UC has offered salary scale increases of 7% in the first year and 3% in each subsequent year for teaching assistants and tutors, and increases for postdoctoral scholars of 8% the first year, 5% the second year and 3% in subsequent years. UC said pay increases would amount to up to 17%, depending on the union.
But UC so far has resisted the union proposal to tie pay to housing costs. Brown, the provost, said in a letter this month to campus chancellors and senior leaders that meeting that demand would amount to several hundreds of millions of dollars annually, an “overwhelming” financial impact.
Faculty leaders systemwide have advocated both short-term housing subsidies and long-term plans to build affordable and subsidized campus housing. But some of those building projects, including at UC Santa Cruz, have been stymied by litigation by environmentalists and slow-growth advocates.
UC also is proposing child-care subsidies and increased paid pregnancy and family leaves, with varying proposals for different bargaining units.
The two sides have made some progress over more than 50 bargaining sessions since last spring. They have secured 95 tentative agreements on issues including stronger protections against workplace bullying and abuse. UC has asked for a neutral mediator to step in, a request the union opposes.
“UC believes its proposals have been fair, reasonable, and responsive to the union’s priorities, and looks forward to continuing negotiations with the UAW and settling these contracts as quickly as possible,” the university said in a statement.
Rafael Jaime, a UCLA doctoral candidate and president of United Auto Workers Local 2865, which represents 19,000 teaching assistants, tutors and other academic workers, says UC can afford to be more generous with its multibillion-dollar budget. He and others say UC should lobby for more state funding for graduate student wages and benefits or reset spending priorities, which have long been criticized for boosting the number of administrators more than faculty and other academic employees.
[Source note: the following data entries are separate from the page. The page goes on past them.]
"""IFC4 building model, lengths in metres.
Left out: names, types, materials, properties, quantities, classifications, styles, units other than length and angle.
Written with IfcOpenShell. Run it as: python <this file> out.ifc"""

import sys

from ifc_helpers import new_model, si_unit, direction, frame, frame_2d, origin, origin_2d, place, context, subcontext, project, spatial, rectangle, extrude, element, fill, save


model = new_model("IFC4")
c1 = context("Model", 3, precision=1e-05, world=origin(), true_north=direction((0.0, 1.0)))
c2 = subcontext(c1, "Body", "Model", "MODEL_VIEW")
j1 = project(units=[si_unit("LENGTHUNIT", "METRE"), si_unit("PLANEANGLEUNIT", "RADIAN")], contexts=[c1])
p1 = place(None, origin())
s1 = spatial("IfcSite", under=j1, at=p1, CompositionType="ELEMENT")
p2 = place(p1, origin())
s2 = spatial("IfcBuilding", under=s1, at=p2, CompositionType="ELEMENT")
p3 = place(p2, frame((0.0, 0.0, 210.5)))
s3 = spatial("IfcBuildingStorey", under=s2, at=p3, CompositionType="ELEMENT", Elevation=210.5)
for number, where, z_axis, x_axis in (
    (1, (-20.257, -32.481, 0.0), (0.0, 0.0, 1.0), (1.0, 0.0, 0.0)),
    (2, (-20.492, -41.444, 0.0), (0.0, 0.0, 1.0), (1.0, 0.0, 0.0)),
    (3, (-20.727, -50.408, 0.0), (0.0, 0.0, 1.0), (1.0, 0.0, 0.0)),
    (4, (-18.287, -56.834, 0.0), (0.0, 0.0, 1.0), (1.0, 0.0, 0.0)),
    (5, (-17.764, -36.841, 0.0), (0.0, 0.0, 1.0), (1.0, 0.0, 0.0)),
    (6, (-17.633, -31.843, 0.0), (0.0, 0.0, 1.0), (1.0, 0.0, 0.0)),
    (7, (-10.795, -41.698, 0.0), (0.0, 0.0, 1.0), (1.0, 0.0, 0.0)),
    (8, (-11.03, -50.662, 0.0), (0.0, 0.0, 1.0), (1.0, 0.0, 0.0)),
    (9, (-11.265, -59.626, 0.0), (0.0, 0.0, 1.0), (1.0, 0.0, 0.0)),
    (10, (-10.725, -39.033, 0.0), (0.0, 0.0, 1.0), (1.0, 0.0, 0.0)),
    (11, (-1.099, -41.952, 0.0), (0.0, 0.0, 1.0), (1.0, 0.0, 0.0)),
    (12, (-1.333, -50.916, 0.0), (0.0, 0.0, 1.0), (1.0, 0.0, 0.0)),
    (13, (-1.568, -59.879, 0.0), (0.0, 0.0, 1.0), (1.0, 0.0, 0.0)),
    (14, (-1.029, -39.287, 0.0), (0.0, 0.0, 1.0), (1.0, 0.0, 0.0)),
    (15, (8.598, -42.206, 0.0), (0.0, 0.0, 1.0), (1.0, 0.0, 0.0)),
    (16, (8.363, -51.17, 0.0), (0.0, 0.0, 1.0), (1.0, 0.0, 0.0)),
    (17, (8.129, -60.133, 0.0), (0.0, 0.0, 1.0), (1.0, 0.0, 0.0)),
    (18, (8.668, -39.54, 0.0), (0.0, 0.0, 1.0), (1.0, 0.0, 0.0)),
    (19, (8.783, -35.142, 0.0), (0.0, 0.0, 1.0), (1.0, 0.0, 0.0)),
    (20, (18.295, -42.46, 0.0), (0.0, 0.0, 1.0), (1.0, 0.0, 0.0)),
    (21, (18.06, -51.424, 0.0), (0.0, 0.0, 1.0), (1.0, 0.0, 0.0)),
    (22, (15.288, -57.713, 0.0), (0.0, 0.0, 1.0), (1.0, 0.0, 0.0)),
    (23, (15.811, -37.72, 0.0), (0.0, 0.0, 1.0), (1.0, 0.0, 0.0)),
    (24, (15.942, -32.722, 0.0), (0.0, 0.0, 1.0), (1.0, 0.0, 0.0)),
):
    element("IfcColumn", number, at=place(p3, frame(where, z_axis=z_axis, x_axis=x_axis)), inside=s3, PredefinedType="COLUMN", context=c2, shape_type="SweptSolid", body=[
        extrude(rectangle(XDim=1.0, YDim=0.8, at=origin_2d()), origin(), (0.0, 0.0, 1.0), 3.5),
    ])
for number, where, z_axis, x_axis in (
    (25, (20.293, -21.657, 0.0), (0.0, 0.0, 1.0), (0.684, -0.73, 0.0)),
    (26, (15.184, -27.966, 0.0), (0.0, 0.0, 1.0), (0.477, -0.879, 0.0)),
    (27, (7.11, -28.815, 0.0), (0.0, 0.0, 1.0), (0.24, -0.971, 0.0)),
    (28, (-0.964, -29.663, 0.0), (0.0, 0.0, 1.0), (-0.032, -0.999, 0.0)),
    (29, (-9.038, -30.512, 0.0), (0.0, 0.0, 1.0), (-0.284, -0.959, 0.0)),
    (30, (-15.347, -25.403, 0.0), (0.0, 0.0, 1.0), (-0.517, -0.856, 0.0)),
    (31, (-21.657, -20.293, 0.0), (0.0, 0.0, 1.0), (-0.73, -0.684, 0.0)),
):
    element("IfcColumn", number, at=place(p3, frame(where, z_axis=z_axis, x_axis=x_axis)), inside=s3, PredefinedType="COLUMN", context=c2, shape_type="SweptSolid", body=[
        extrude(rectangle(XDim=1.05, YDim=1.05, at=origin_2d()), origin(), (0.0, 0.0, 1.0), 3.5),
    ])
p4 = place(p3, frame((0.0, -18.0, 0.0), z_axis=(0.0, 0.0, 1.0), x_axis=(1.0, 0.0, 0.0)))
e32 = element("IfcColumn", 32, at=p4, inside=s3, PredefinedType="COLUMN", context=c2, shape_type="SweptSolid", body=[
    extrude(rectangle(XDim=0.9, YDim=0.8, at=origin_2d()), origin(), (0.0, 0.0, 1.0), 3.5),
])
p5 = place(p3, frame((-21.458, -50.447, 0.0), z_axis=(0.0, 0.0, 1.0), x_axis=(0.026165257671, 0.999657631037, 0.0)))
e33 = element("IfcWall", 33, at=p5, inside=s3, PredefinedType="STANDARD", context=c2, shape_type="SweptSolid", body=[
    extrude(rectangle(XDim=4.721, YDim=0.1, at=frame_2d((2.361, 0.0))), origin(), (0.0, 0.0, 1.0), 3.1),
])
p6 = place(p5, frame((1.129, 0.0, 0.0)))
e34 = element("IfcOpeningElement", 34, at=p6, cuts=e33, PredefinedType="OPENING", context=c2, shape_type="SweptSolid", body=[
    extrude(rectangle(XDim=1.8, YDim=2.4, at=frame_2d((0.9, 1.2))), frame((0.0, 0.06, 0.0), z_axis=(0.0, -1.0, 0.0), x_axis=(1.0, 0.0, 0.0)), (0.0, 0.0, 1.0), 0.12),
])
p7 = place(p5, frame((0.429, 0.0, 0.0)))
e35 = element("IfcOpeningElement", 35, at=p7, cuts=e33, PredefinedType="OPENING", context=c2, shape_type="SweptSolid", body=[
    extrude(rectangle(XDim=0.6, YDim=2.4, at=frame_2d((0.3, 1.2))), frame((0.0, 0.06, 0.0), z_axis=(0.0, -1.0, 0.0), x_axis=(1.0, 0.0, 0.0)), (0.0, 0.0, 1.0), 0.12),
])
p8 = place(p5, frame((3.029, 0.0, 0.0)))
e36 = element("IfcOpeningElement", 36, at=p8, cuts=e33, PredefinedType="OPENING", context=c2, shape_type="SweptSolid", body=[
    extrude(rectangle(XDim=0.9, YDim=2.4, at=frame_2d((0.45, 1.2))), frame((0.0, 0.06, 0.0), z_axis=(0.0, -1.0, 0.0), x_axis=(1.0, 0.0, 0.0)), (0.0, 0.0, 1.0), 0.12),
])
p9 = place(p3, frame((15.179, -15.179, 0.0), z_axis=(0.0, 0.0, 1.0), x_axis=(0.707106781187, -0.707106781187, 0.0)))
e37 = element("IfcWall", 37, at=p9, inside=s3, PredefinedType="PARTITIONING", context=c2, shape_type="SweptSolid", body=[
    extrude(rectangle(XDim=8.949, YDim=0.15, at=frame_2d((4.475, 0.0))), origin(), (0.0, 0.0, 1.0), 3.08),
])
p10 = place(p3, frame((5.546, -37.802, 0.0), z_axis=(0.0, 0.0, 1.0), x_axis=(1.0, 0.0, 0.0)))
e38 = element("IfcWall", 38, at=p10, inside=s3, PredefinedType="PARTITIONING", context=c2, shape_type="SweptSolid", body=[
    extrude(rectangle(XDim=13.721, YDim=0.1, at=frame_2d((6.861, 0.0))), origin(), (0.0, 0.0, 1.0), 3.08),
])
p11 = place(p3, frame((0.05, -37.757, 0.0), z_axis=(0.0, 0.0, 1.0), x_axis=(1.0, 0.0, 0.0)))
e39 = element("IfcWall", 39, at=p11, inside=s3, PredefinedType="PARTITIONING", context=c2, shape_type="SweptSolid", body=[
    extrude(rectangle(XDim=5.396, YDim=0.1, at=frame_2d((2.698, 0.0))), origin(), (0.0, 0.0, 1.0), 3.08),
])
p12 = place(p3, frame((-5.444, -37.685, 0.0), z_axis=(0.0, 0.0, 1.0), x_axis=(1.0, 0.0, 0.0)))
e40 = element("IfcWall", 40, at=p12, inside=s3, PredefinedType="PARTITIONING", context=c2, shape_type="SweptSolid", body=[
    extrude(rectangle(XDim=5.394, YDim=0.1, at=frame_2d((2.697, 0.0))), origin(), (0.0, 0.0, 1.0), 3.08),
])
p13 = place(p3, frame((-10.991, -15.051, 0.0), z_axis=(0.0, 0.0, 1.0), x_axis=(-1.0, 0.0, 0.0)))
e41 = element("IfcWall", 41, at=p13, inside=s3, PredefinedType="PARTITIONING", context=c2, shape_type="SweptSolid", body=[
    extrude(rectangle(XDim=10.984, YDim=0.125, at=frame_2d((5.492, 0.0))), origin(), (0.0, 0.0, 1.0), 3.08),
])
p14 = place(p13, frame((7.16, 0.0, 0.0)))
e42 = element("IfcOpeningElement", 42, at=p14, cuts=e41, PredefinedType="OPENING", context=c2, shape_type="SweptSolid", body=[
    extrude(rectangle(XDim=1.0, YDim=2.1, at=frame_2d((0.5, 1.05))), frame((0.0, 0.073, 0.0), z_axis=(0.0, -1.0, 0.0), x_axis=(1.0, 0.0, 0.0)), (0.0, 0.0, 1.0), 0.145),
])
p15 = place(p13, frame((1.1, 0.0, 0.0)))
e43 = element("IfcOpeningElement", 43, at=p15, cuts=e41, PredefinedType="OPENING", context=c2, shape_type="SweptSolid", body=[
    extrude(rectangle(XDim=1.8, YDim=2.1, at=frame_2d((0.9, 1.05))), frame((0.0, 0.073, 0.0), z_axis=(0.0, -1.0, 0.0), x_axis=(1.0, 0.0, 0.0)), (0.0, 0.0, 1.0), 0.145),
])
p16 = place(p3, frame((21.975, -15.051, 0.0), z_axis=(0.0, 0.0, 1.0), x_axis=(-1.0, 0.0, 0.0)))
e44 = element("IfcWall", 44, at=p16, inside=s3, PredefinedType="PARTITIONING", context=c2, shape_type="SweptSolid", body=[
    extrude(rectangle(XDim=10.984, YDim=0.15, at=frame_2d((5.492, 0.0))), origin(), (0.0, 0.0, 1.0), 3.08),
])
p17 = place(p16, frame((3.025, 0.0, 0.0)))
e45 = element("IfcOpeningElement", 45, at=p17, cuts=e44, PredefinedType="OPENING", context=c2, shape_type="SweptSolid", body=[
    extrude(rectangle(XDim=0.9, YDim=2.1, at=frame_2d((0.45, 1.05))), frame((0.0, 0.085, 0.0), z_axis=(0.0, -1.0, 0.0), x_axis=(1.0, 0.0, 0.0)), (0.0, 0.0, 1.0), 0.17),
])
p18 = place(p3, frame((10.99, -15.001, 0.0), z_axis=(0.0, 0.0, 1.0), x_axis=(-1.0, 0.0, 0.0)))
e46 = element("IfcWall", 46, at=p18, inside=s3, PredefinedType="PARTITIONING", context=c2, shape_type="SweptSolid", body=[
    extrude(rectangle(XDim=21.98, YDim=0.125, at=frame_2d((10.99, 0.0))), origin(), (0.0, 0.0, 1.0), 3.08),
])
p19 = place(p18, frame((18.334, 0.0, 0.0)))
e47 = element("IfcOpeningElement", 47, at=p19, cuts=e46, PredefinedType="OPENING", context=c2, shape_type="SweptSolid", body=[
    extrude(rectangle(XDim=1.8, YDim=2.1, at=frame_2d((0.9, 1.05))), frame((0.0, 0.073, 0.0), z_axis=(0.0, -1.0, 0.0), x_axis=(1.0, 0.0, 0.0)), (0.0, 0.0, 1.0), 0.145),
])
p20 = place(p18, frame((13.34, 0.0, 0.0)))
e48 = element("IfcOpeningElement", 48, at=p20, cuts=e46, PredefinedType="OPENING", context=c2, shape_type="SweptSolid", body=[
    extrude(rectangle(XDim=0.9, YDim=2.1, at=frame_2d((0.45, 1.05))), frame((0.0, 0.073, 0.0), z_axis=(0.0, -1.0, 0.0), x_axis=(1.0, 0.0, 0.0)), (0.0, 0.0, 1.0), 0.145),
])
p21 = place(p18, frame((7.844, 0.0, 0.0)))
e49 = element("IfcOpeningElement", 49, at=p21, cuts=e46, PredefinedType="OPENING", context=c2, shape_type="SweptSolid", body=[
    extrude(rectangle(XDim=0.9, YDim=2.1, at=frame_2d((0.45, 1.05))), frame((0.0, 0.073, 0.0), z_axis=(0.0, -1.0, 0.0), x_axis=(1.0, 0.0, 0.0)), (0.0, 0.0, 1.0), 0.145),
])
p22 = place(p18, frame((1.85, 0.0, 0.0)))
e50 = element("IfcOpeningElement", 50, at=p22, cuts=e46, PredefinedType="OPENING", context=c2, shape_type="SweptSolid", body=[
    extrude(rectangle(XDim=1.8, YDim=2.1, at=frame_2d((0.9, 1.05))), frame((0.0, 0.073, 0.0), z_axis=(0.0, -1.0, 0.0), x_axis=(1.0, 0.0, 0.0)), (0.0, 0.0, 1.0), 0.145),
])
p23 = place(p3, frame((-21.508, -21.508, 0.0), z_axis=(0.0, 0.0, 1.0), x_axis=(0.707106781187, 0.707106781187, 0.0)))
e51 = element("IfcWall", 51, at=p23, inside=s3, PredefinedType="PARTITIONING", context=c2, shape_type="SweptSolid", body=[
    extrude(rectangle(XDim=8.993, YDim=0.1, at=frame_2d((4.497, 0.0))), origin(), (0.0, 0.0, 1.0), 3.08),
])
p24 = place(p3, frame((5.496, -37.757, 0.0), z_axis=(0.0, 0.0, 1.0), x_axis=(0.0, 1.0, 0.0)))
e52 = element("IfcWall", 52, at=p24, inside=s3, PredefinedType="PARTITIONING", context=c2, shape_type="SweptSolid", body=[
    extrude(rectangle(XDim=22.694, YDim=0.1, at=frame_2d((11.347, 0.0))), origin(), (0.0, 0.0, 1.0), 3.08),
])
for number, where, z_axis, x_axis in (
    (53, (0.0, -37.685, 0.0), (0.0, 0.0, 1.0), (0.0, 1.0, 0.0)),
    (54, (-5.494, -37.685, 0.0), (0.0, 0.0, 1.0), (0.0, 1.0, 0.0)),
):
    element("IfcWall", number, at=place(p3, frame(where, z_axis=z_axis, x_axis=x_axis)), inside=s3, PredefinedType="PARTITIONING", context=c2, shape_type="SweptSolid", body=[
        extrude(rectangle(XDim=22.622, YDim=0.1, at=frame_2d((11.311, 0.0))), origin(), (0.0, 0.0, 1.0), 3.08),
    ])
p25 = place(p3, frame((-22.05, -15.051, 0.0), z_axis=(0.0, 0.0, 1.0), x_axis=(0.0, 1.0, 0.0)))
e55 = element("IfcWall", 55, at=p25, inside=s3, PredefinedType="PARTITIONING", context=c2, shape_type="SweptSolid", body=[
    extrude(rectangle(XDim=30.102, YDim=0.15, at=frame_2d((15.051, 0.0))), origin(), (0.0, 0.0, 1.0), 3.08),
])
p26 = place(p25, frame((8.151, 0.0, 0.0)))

A new Academic Senate study, for instance, found that a class of administrators known as “senior professionals” grew 163.7% between 2011 and 2021, compared with 18.3% growth for tenure-track faculty. The increase in professors has not kept pace with the rising enrollment of California undergraduates, a top priority for legislators who say constituents complain that their children can’t get into the UC campuses of their choice.
UC leaders say many of the managers are needed to handle rising technology demands, increasingly complex requirements of government funding and regulation and student needs that have grown more urgent, such as for mental health.
For now, Jaime has called on UC to step up its negotiating schedule, saying union members are willing to meet around the clock if necessary.
“Many of us are eager to go back to the classrooms and labs, but what’s holding us back is the university itself,” Jaime said.